On the role of energy balance for numerical modeling of tsunami sediment transport

Tuesday, 16 December 2014
Daisuke Sugawara1, Hajime Naruse2 and Kazuhisa Goto1, (1)Tohoku University, Sendai, Japan, (2)Kyoto University, Kyoto, Japan
Large-scale tsunamis in the shallow sea and on land are characterized by greater flow depth and speed than other natural open-channel flows. In-situ instrumental observation of tsunami sediment transport is practically impossible. Our understandings on the dynamics of tsunami sedimentation is mainly founded on the analysis of pre- and post-tsunami geomorphological data, field observation and laboratory analysis of tsunami deposits and modeling of tsunami sediment transport by means of hydraulic, mathematical and numerical approaches.

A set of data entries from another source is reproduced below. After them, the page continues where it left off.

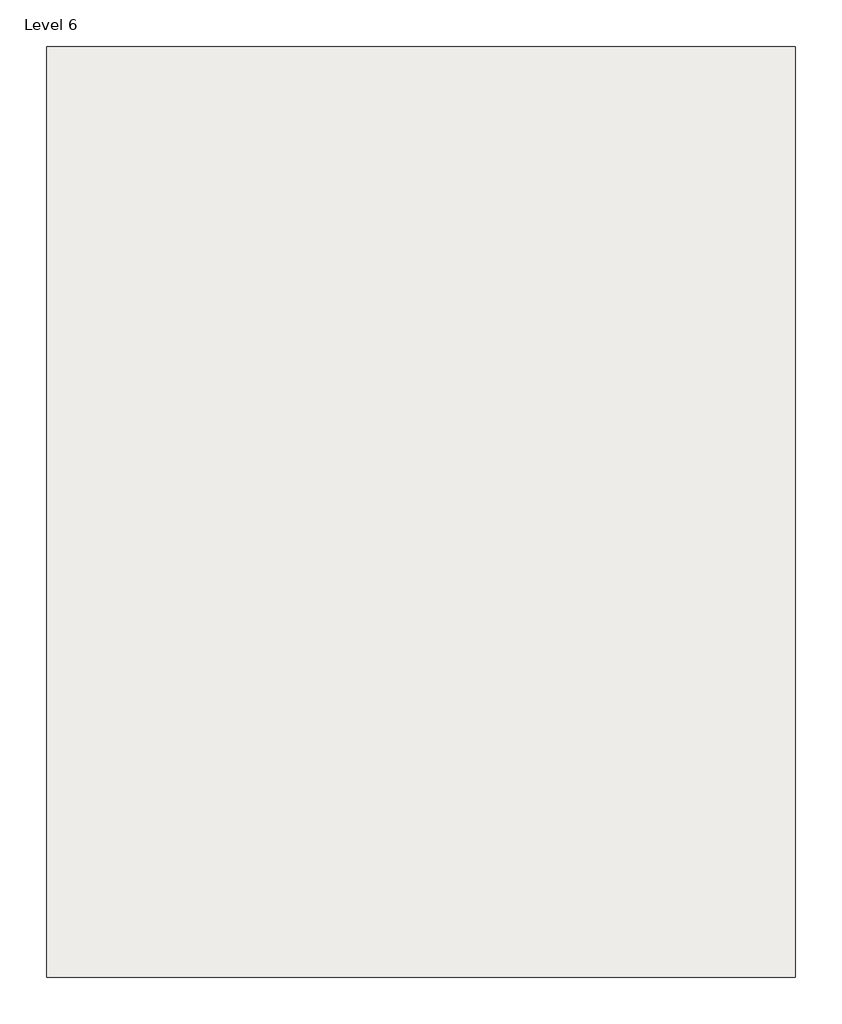
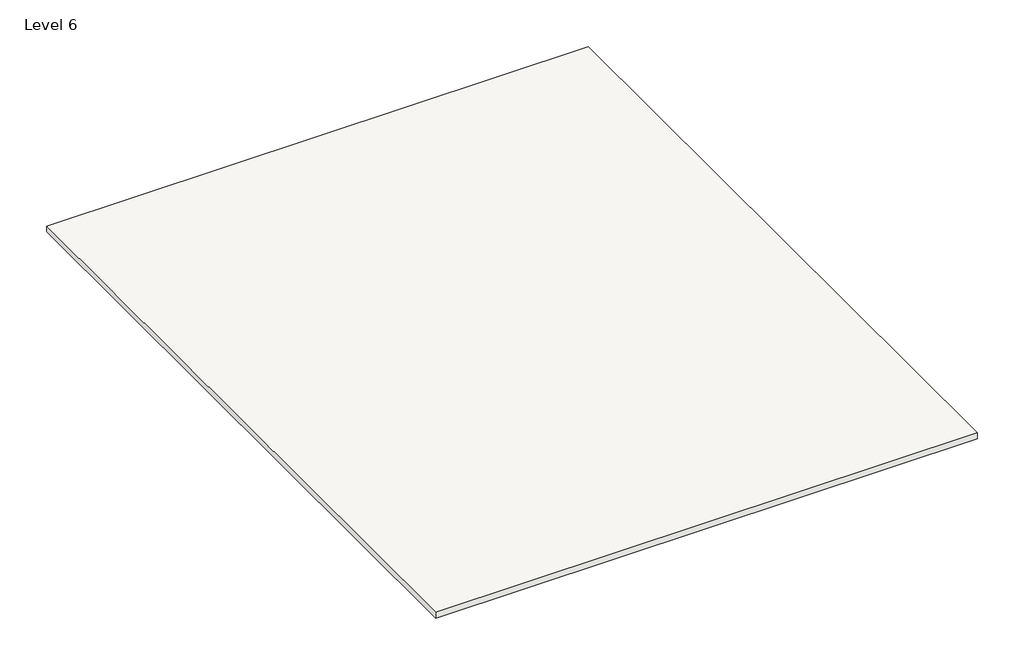
# One storey, incomplete: 1 roof.
"""IFC4 building model written with IfcOpenShell, lengths in millimetres."""

from ifc_helpers import new_model, si_unit, frame, origin, place, context, project, spatial, polyline, outline, extrude, element, save

model = new_model("IFC4")

# Units and contexts
model_context = context("Model", 3, world=origin())
ifc_project = project(units=[si_unit("LENGTHUNIT", "METRE", prefix="MILLI")], contexts=[model_context])

# Site, building, storey
site = spatial("IfcSite", under=ifc_project)
building = spatial("IfcBuilding", under=site)
storey = spatial("IfcBuildingStorey", under=building, Name="Level 6", Elevation=15849.6)

# Roof
placement = place(None, origin())
element("IfcRoof", 1, ObjectType="Generic - 12\"", at=placement, inside=storey, context=model_context, shape_type="SweptSolid", body=[
    extrude(outline(polyline([(-7981.983853, 9646.945119), (5746.716147, 9646.945119), (5746.716147, -7421.854881), (-7981.983853, -7421.854881), (-7981.983853, 9646.945119)])), frame((0.0, 0.0, 15697.2), z_axis=(0.0, 0.0, 1.0), x_axis=(1.0, 0.0, 0.0)), (0.0, 0.0, 1.0), 152.4),
])

save(model, "model.ifc")

# Revit data of these elements
# Type "Generic - 12\""
#   Assembly Code = "B1020"
#   Layers, outside or top first: 0' - 6" no material (function 1)
# Element 1 (IfcRoof, "Generic - 12\"")
#   built-in parameter 1001705 = 52 (stored number, unit not read)
#   built-in parameter 1001701 = -0.5 (stored number, unit not read)
#   built-in parameter 1001710 = 33615
#   Phase Created = New Construction
#   Materials on its faces: "Cherry", "Default Roof", "Wood Planks"
# Materials
#   "Cherry": class "Wood", colour RGB 226 177 128, transparency 0, Description = "Prunus Serotina", Cost = 0
#   "Default Roof": colour RGB 88 101 114, transparency 0, Cost = 0
#   "Wood Planks": class "Wood", colour RGB 193 160 115, transparency 0, Description = "Physical material.", Cost = 0

Based on massive dataset of the 2011 Tohoku tsunami deposits, Goto et al. (in press) identified a possible upper threshold of tsunami sedimentation. They found that sediment concentration, which is defined as a ratio of deposit thickness to the local flow depth, can be approximated by a constant value of 2% over the coastal plain of the Sendai Bay, northeast Japan.

Energy balance is an important physics to explain the upper threshold of tsunami sediment transport. The concept of energy constraint was described by Parker et al. (1986) for turbidity current. It declares the turbulent kinetic energy should be consumed to pick-up sediments from the bed and keep them in suspension. The loss of the turbulent energy results in decreased capacity of suspended load. Naruse et al. (2014) introduced the energy concept to tsunami sediment transport, and predicted the limiting sediment concentration of ~2% for a flow depth of 10 m and a flow speed of 10 m/s, which are typical for Sendai Plain.

The role of energy constraint for tsunami sedimentation was also investigated using a numerical approach. The saturation concentration for wash load (Bagnold, 1962; van Rijn, 2007), which also accounts the energy balance, was implemented to a numerical model of tsunami sediment transport, and the model was applied to the case study of the 2011 Tohoku tsunami. The modeling result showed that the observed limiting concentration of 2% may be caused from flow hysteresis. In addition, the concept of energy balance is important to explain both characteristic patterns of erosion and deposition, as well as spatial variability of sandy deposits.